2. You'll then use each of the partner models to predict on your local dataset, generating labels for each of your datapoints.
3. For each local data point (now with labels), you will perform a _max_ function, where _max_ is the most frequent label across the labels to obtain the final label. We will need to add Laplacian noise to make this Differentially Private to a certain epsilon/delta constraint.
4. Finally, we will retrain a new model on our local dataset which now has labels. This will be our final _DP_ model.

In [2]:
'''
In this proyect:
We will assume we have the labels from the partner models so we will start on step 3 of the example scenario.
We will be using data from 100 partner hospitals and each of them will provide 100 training toy examples.
Each label is chosen from a set of 10 possible labels (categories) for each image.
Then you're going to use the PATE method to analyze how much privacy (epsilon) is this database leaking.
'''
import numpy as np
from syft.frameworks.torch.differential_privacy import pate

# Variables of the toy database
num_teachers = 100    # we're working with 10 partner hospitals
num_examples = 100    # the size of OUR dataset
num_labels   = 10     # number of lablels for our classifier

# Predictions from hospitals on each of their images (partner labels)
preds = (np.random.rand(num_teachers, num_examples) * num_labels).astype(int).transpose(1,0)

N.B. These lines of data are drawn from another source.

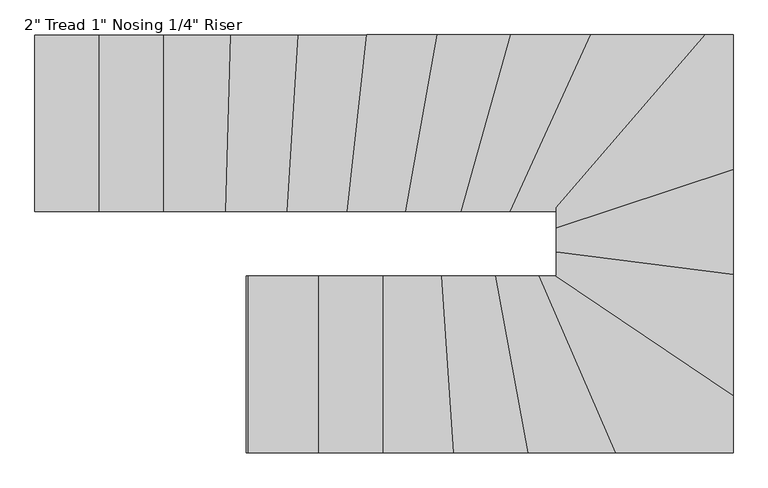
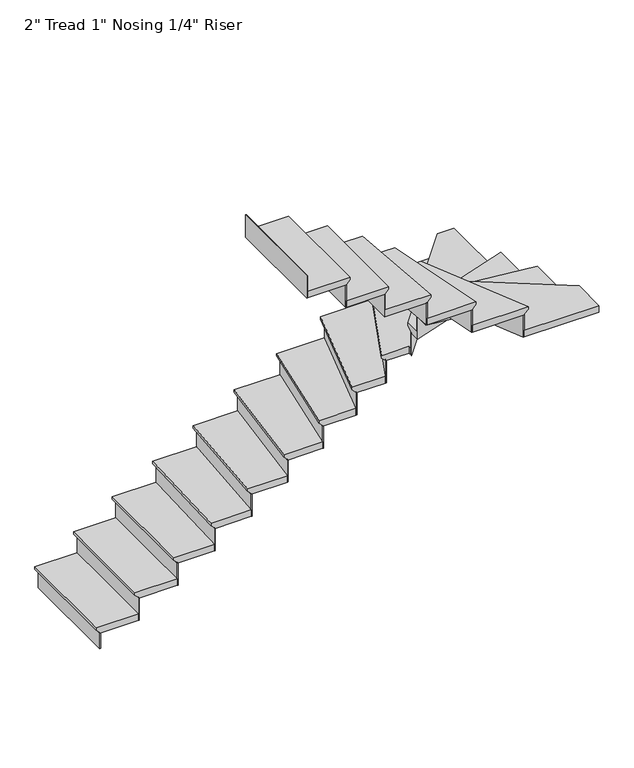
"""IFC4 building model written with IfcOpenShell, lengths in millimetres: stair flight geometry."""

from ifc_helpers import new_model, si_unit, origin, place, context, project, spatial, faceted_brep, source, transform, mapped, element, save


def stair_flight_d882c53c(model_context):
    return source(origin(), model_context, "Body", "Brep", [
        faceted_brep([(-1746.1022736, 2143.0258877, 150.2833333), (-1746.1022736, 2143.0258877, 169.3333333), (-1746.1022736, 2909.8869757, 169.3333333), (-1746.1022736, 2909.8869757, 150.2833333), (-1720.7022736, 2143.0258877, 124.8833333), (-1720.7022736, 2909.8869757, 124.8833333), (-1441.3022736, 2143.0258877, 169.3333333), (-1441.3022736, 2909.8869757, 169.3333333), (-1720.7022736, 2909.8869757, 118.5333333), (-1441.3022736, 2909.8869757, 118.5333333), (-1441.3022736, 2143.0258877, 118.5333333), (-1720.7022736, 2143.0258877, 118.5333333)], [[[0, 1, 2, 3]], [[4, 0, 3, 5]], [[2, 1, 6, 7]], [[8, 9, 10, 11]], [[2, 7, 9, 8, 5, 3]], [[8, 11, 4, 5]], [[6, 1, 0, 4, 11, 10]], [[7, 6, 10, 9]]]),
        faceted_brep([(-1720.7022736, 2143.0258877, 118.5333333), (-1720.7022736, 2143.0258877, 0.0), (-1714.3522736, 2143.0258877, 0.0), (-1714.3522736, 2143.0258877, 118.5333333), (-1720.7022736, 2909.8869757, 118.5333333), (-1714.3522736, 2909.8869757, 118.5333333), (-1714.3522736, 2909.8869757, 0.0), (-1720.7022736, 2909.8869757, 0.0)], [[[0, 1, 2, 3]], [[4, 5, 6, 7]], [[1, 0, 4, 7]], [[2, 1, 7, 6]], [[3, 2, 6, 5]], [[0, 3, 5, 4]]]),
        faceted_brep([(-1441.3022736, 2143.0258877, 287.8666667), (-1441.3022736, 2143.0258877, 118.5333333), (-1434.9522736, 2143.0258877, 118.5333333), (-1434.9522736, 2143.0258877, 287.8666667), (-1441.3022736, 2909.8869757, 287.8666667), (-1434.9522736, 2909.8869757, 287.8666667), (-1434.9522736, 2909.8869757, 118.5333333), (-1441.3022736, 2909.8869757, 118.5333333)], [[[0, 1, 2, 3]], [[4, 5, 6, 7]], [[1, 0, 4, 7]], [[2, 1, 7, 6]], [[3, 2, 6, 5]], [[0, 3, 5, 4]]]),
        faceted_brep([(-1466.7022736, 2909.8869757, 338.6666667), (-1466.7022736, 2143.0258877, 338.6666667), (-1161.9022736, 2143.0258877, 338.6666667), (-1161.9022736, 2909.8869757, 338.6666667), (-1441.3022736, 2909.8869757, 287.8666667), (-1161.9022736, 2909.8869757, 287.8666667), (-1161.9022736, 2143.0258877, 287.8666667), (-1441.3022736, 2143.0258877, 287.8666667), (-1441.3022736, 2909.8869757, 294.2166667), (-1466.7022736, 2909.8869757, 319.6166667), (-1441.3022736, 2143.0258877, 294.2166667), (-1466.7022736, 2143.0258877, 319.6166667)], [[[0, 1, 2, 3]], [[4, 5, 6, 7]], [[0, 3, 5, 4, 8, 9]], [[4, 7, 10, 8]], [[2, 1, 11, 10, 7, 6]], [[3, 2, 6, 5]], [[11, 1, 0, 9]], [[10, 11, 9, 8]]]),
        faceted_brep([(-1161.9022736, 2143.0258877, 457.2), (-1161.9022736, 2143.0258877, 287.8666667), (-1155.5522736, 2143.0258877, 287.8666667), (-1155.5522736, 2143.0258877, 457.2), (-1161.9022736, 2909.8869757, 457.2), (-1155.5522736, 2909.8869757, 457.2), (-1155.5522736, 2909.8869757, 287.8666667), (-1161.9022736, 2909.8869757, 287.8666667)], [[[0, 1, 2, 3]], [[4, 5, 6, 7]], [[1, 0, 4, 7]], [[2, 1, 7, 6]], [[3, 2, 6, 5]], [[0, 3, 5, 4]]]),
        faceted_brep([(-1187.3022736, 2909.8869757, 508.0), (-1187.3022736, 2143.0258877, 508.0), (-892.8998869, 2143.0258877, 508.0), (-872.0859521, 2909.8869757, 508.0), (-1161.9022736, 2909.8869757, 457.2), (-872.0859521, 2909.8869757, 457.2), (-892.8998869, 2143.0258877, 457.2), (-1161.9022736, 2143.0258877, 457.2), (-1161.9022736, 2909.8869757, 463.55), (-1187.3022736, 2909.8869757, 488.95), (-1161.9022736, 2143.0258877, 463.55), (-1187.3022736, 2143.0258877, 488.95)], [[[0, 1, 2, 3]], [[4, 5, 6, 7]], [[0, 3, 5, 4, 8, 9]], [[4, 7, 10, 8]], [[2, 1, 11, 10, 7, 6]], [[3, 2, 6, 5]], [[11, 1, 0, 9]], [[10, 11, 9, 8]]]),
        faceted_brep([(-892.8998869, 2143.0258877, 626.5333333), (-892.8998869, 2143.0258877, 457.2), (-886.5475484, 2143.0258877, 457.2), (-886.5475484, 2143.0258877, 626.5333333), (-872.0859521, 2909.8869757, 626.5333333), (-865.7336136, 2909.8869757, 626.5333333), (-865.7336136, 2909.8869757, 457.2), (-872.0859521, 2909.8869757, 457.2)], [[[0, 1, 2, 3]], [[4, 5, 6, 7]], [[1, 0, 4, 7]], [[2, 1, 7, 6]], [[3, 2, 6, 5]], [[0, 3, 5, 4]]]),
        faceted_brep([(-897.4953062, 2909.8869757, 677.3333333), (-918.3092409, 2143.0258877, 677.3333333), (-626.9430097, 2143.0258877, 677.3333333), (-579.1630295, 2909.8869757, 677.3333333), (-872.0859521, 2909.8869757, 626.5333333), (-579.1630295, 2909.8869757, 626.5333333), (-626.9430097, 2143.0258877, 626.5333333), (-892.8998869, 2143.0258877, 626.5333333), (-872.0859521, 2909.8869757, 632.8833333), (-897.4953062, 2909.8869757, 658.2833333), (-892.8998869, 2143.0258877, 632.8833333), (-918.3092409, 2143.0258877, 658.2833333)], [[[0, 1, 2, 3]], [[4, 5, 6, 7]], [[0, 3, 5, 4, 8, 9]], [[4, 7, 10, 8]], [[2, 1, 11, 10, 7, 6]], [[3, 2, 6, 5]], [[11, 1, 0, 9]], [[10, 11, 9, 8]]]),
        faceted_brep([(-626.9430097, 2143.0258877, 795.8666667), (-626.9430097, 2143.0258877, 626.5333333), (-620.5806962, 2143.0258877, 626.5333333), (-620.5806962, 2143.0258877, 795.8666667), (-579.1630295, 2909.8869757, 795.8666667), (-572.800716, 2909.8869757, 795.8666667), (-572.800716, 2909.8869757, 626.5333333), (-579.1630295, 2909.8869757, 626.5333333)], [[[0, 1, 2, 3]], [[4, 5, 6, 7]], [[1, 0, 4, 7]], [[2, 1, 7, 6]], [[3, 2, 6, 5]], [[0, 3, 5, 4]]]),
        faceted_brep([(-604.6122835, 2909.8869757, 846.6666667), (-652.3922637, 2143.0258877, 846.6666667), (-365.599383, 2143.0258877, 846.6666667), (-281.5005992, 2909.8869757, 846.6666667), (-579.1630295, 2909.8869757, 795.8666667), (-281.5005992, 2909.8869757, 795.8666667), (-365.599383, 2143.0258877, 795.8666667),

# Adding noise to the labels
real_result = list()
private_result = list()
for an_image in preds:
    # Calculate real label (not private)
    label_counts = np.bincount(an_image, minlength=num_labels) 
    real_result.append(np.argmax(label_counts))
    
    # Calculating epsilon value
    epsilon = 0.1
    beta = 1 / epsilon

    # Adding noise
    for i in range(len(label_counts)):
        label_counts[i] += np.random.laplace(0, beta, 1)

    # Storing private results
    private_result.append(np.argmax(label_counts))

# Arranging the datasets to be used by PATE
preds = preds.transpose(1,0)
indices = np.asarray(private_result)

# PATE analysis for several agreement levels (forced)
for i in range(6):
    k = i*2
    preds[:,0:k] *= 0
    
    dep, ind = pate.perform_analysis(teacher_preds=preds,indices=indices,noise_eps=0.1,delta=1e-5,moments=20)

    assert dep < ind
    
    print("Forced agreement =", 100*k/num_examples, "%")
    print("Data Independent Epsilon:", ind)
    print("Data Dependent Epsilon:", dep)
    print("")

Forced agreement = 0.0 %
Data Independent Epsilon: 11.756462732485115
Data Dependent Epsilon: 11.756462732485105

Forced agreement = 2.0 %
Data Independent Epsilon: 11.756462732485115
Data Dependent Epsilon: 10.567352334004832

Forced agreement = 4.0 %
Data Independent Epsilon: 11.756462732485115
Data Dependent Epsilon: 8.900097381461716

Forced agreement = 6.0 %
Data Independent Epsilon: 11.756462732485115
Data Dependent Epsilon: 6.81765626580294

Forced agreement = 8.0 %
Data Independent Epsilon: 11.756462732485115
Data Dependent Epsilon: 4.877227210477253

Forced agreement = 10.0 %
Data Independent Epsilon: 11.756462732485115
Data Dependent Epsilon: 0.9029013677789843



Notice that when there's more agreement between the teacher predictions (partner models) the epsilon data dependent value is reduced drastically.